Sample Compatibility & Compliance
The EV SMI System supports standard industry tray formats—including 48-, 64-, and 96-cavity aluminum or stainless steel molds—as well as custom composite trays used in NID, W&D, Makat, and Fast Track production lines. It accommodates starch layer thicknesses ranging from 8–15 mm and tolerates ambient temperature fluctuations between 15–30°C and relative humidity up to 75% RH without recalibration. The system complies with CE Machinery Directive 2006/42/EC, meets electromagnetic compatibility requirements per EN 61000-6-2 and EN 61000-6-4, and provides full audit trails aligned with FDA 21 CFR Part 11 for electronic records and signatures. All image data retention, user access logs, and decision event timestamps are time-stamped and cryptographically hashed for GLP/GMP traceability.
Software & Data Management
The proprietary Eagle Vision SMI Suite runs on a hardened Linux RT OS and features a browser-accessible interface (HTTPS/TLS 1.2) supporting role-based authentication (admin, operator, QA auditor). It includes integrated statistical process control (SPC) dashboards with real-time OEE calculation, Pareto analysis of defect categories (e.g., “cavity void”, “mold skew”, “starch smudge”), and automated PDF report generation compliant with ISO/IEC 17025 documentation standards. Raw image archives are stored in vendor-agnostic DICOM-compliant format with optional integration into enterprise MES platforms via OPC UA or RESTful API. All configuration changes, model retraining events, and user logins are recorded with immutable timestamps and SHA-256 checksums for regulatory review.
Applications
- Pre-coating inspection of starch-molded confections to prevent ink adhesion failures due to uneven starch surfaces.
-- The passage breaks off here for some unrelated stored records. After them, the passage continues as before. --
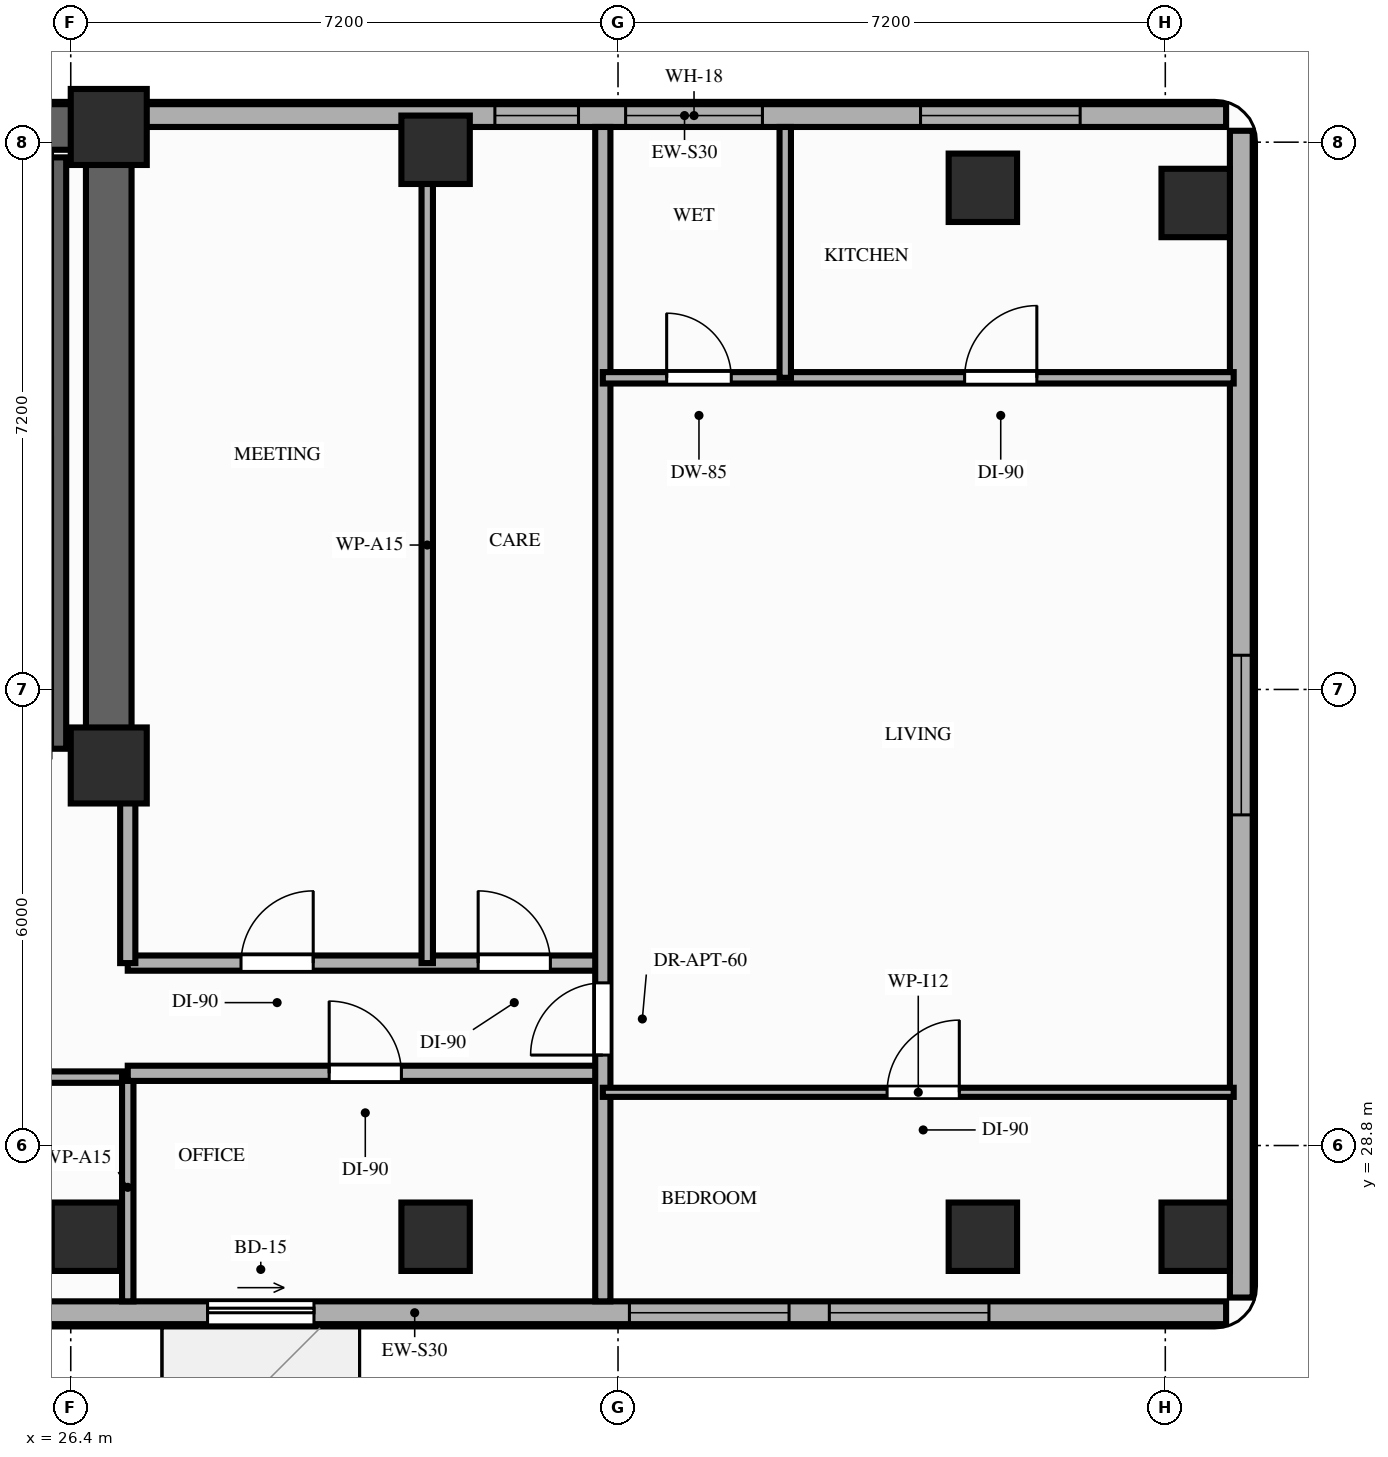
"""IFC4 building model, lengths in metres.
Left out: names, types, materials, properties, quantities, classifications, styles, units other than length and angle.
Written with IfcOpenShell. Run it as: python <this file> out.ifc"""

import sys

from ifc_helpers import new_model, si_unit, direction, frame, frame_2d, origin, origin_2d, place, context, subcontext, project, spatial, rectangle, extrude, element, fill, save


model = new_model("IFC4")
c1 = context("Model", 3, precision=1e-05, world=origin(), true_north=direction((0.0, 1.0)))
c2 = subcontext(c1, "Body", "Model", "MODEL_VIEW")
j1 = project(units=[si_unit("LENGTHUNIT", "METRE"), si_unit("PLANEANGLEUNIT", "RADIAN")], contexts=[c1])
p1 = place(None, origin())
s1 = spatial("IfcSite", under=j1, at=p1, CompositionType="ELEMENT")
p2 = place(p1, origin())
s2 = spatial("IfcBuilding", under=s1, at=p2, CompositionType="ELEMENT")
p3 = place(p2, frame((0.0, 0.0, 185.6)))
s3 = spatial("IfcBuildingStorey", under=s2, at=p3, CompositionType="ELEMENT", Elevation=185.6)
for number, where, z_axis, x_axis in (
    (1, (26.9, 33.8, 0.0), (0.0, 0.0, 1.0), (1.0, 0.0, 0.0)),
    (2, (26.9, 42.2, 0.0), (0.0, 0.0, 1.0), (1.0, 0.0, 0.0)),
):
    element("IfcColumn", number, at=place(p3, frame(where, z_axis=z_axis, x_axis=x_axis)), inside=s3, PredefinedType="COLUMN", context=c2, shape_type="SweptSolid", body=[
        extrude(rectangle(XDim=1.0, YDim=1.0, at=origin_2d()), origin(), (0.0, 0.0, 1.0), 3.2),
    ])
for number, where, z_axis, x_axis in (
    (3, (26.6, 27.6, 0.0), (0.0, 0.0, 1.0), (1.0, 0.0, 0.0)),
    (4, (31.2, 27.6, 0.0), (0.0, 0.0, 1.0), (1.0, 0.0, 0.0)),
    (5, (31.2, 41.9, 0.0), (0.0, 0.0, 1.0), (1.0, 0.0, 0.0)),
    (6, (38.4, 27.6, 0.0), (0.0, 0.0, 1.0), (1.0, 0.0, 0.0)),
    (7, (38.4, 41.4, 0.0), (0.0, 0.0, 1.0), (1.0, 0.0, 0.0)),
    (8, (41.2, 27.6, 0.0), (0.0, 0.0, 1.0), (1.0, 0.0, 0.0)),
    (9, (41.2, 41.2, 0.0), (0.0, 0.0, 1.0), (1.0, 0.0, 0.0)),
):
    element("IfcColumn", number, at=place(p3, frame(where, z_axis=z_axis, x_axis=x_axis)), inside=s3, PredefinedType="COLUMN", context=c2, shape_type="SweptSolid", body=[
        extrude(rectangle(XDim=0.9, YDim=0.9, at=origin_2d()), origin(), (0.0, 0.0, 1.0), 3.2),
    ])
p4 = place(p3, frame((41.6, 42.35, 0.0), z_axis=(0.0, 0.0, 1.0), x_axis=(-1.0, 0.0, 0.0)))
e10 = element("IfcWall", 10, at=p4, inside=s3, PredefinedType="STANDARD", context=c2, shape_type="SweptSolid", body=[
    extrude(rectangle(XDim=14.25, YDim=0.3, at=frame_2d((7.125, 0.0))), origin(), (0.0, 0.0, 1.0), 2.45),
])
p5 = place(p4, frame((6.1, 0.0, 0.85)))
e11 = element("IfcOpeningElement", 11, at=p5, cuts=e10, PredefinedType="OPENING", context=c2, shape_type="SweptSolid", body=[
    extrude(rectangle(XDim=1.8, YDim=1.35, at=frame_2d((0.9, 0.675))), frame((0.0, 0.16, 0.0), z_axis=(0.0, -1.0, 0.0), x_axis=(1.0, 0.0, 0.0)), (0.0, 0.0, 1.0), 0.32),
])
p6 = place(p4, frame((1.92, 0.0, 0.85)))
e12 = element("IfcOpeningElement", 12, at=p6, cuts=e10, PredefinedType="OPENING", context=c2, shape_type="SweptSolid", body=[
    extrude(rectangle(XDim=2.1, YDim=1.35, at=frame_2d((1.05, 0.675))), frame((0.0, 0.16, 0.0), z_axis=(0.0, -1.0, 0.0), x_axis=(1.0, 0.0, 0.0)), (0.0, 0.0, 1.0), 0.32),
])
p7 = place(p4, frame((8.52, 0.0, 0.85)))
e13 = element("IfcOpeningElement", 13, at=p7, cuts=e10, PredefinedType="OPENING", context=c2, shape_type="SweptSolid", body=[
    extrude(rectangle(XDim=1.1, YDim=1.35, at=frame_2d((0.55, 0.675))), frame((0.0, 0.16, 0.0), z_axis=(0.0, -1.0, 0.0), x_axis=(1.0, 0.0, 0.0)), (0.0, 0.0, 1.0), 0.32),
])
p8 = place(p3, frame((20.25, 26.6, 0.0), z_axis=(0.0, 0.0, 1.0), x_axis=(1.0, 0.0, 0.0)))
e14 = element("IfcWall", 14, at=p8, inside=s3, PredefinedType="STANDARD", context=c2, shape_type="SweptSolid", body=[
    extrude(rectangle(XDim=21.35, YDim=0.3, at=frame_2d((10.675, 0.0))), origin(), (0.0, 0.0, 1.0), 2.71),
])
p9 = place(p8, frame((7.95, 0.0, 0.0)))
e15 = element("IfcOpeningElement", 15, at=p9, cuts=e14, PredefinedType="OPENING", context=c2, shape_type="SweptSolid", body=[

- Post-filling validation in continuous starch bed systems to eliminate manual tray sampling and reduce labor-intensive cleaning cycles.
- Root-cause analysis support for batch-level yield loss by correlating defect clusters with upstream parameters (e.g., starch moisture content, mold temperature, fill pressure).
- Validation of mold reusability limits through longitudinal cavity erosion tracking across >500 production cycles.
- Support for customer-facing quality certifications including IFS Food 8.0 and SQF Level 3 audit readiness.
FAQ
What types of defects does the EV SMI System detect?
It identifies cavity fill anomalies (underfill, overflow, bridging), mold misalignment (angular deviation >1.5°, lateral shift >0.4 mm), surface contamination (dust, oil residue, starch clumps), and template mismatch (color code, label position, cavity count deviation).
Is the system compatible with legacy PLCs and HMIs?
Yes—it supports standard industrial protocols including Modbus TCP, EtherNet/IP, and PROFINET, with configurable I/O mapping for seamless integration into existing automation architectures.
How is system accuracy validated during commissioning?
Accuracy is verified using NIST-traceable ceramic test plates with certified cavity depth and edge geometry, followed by Gage R&R studies per AIAG MSA 4th Edition guidelines.
Can the system adapt to new mold designs without software reprogramming?
Yes—new molds are enrolled via guided image capture and geometric feature extraction; no coding or firmware update is required.
What is the typical ROI timeline?
Based on field data from installations across 12+ confectionery facilities, payback occurs within 3–12 months, driven primarily by reduced scrap (avg. 2.3% yield gain), decreased manual inspection labor (1.7 FTEs saved per line), and avoided customer chargebacks.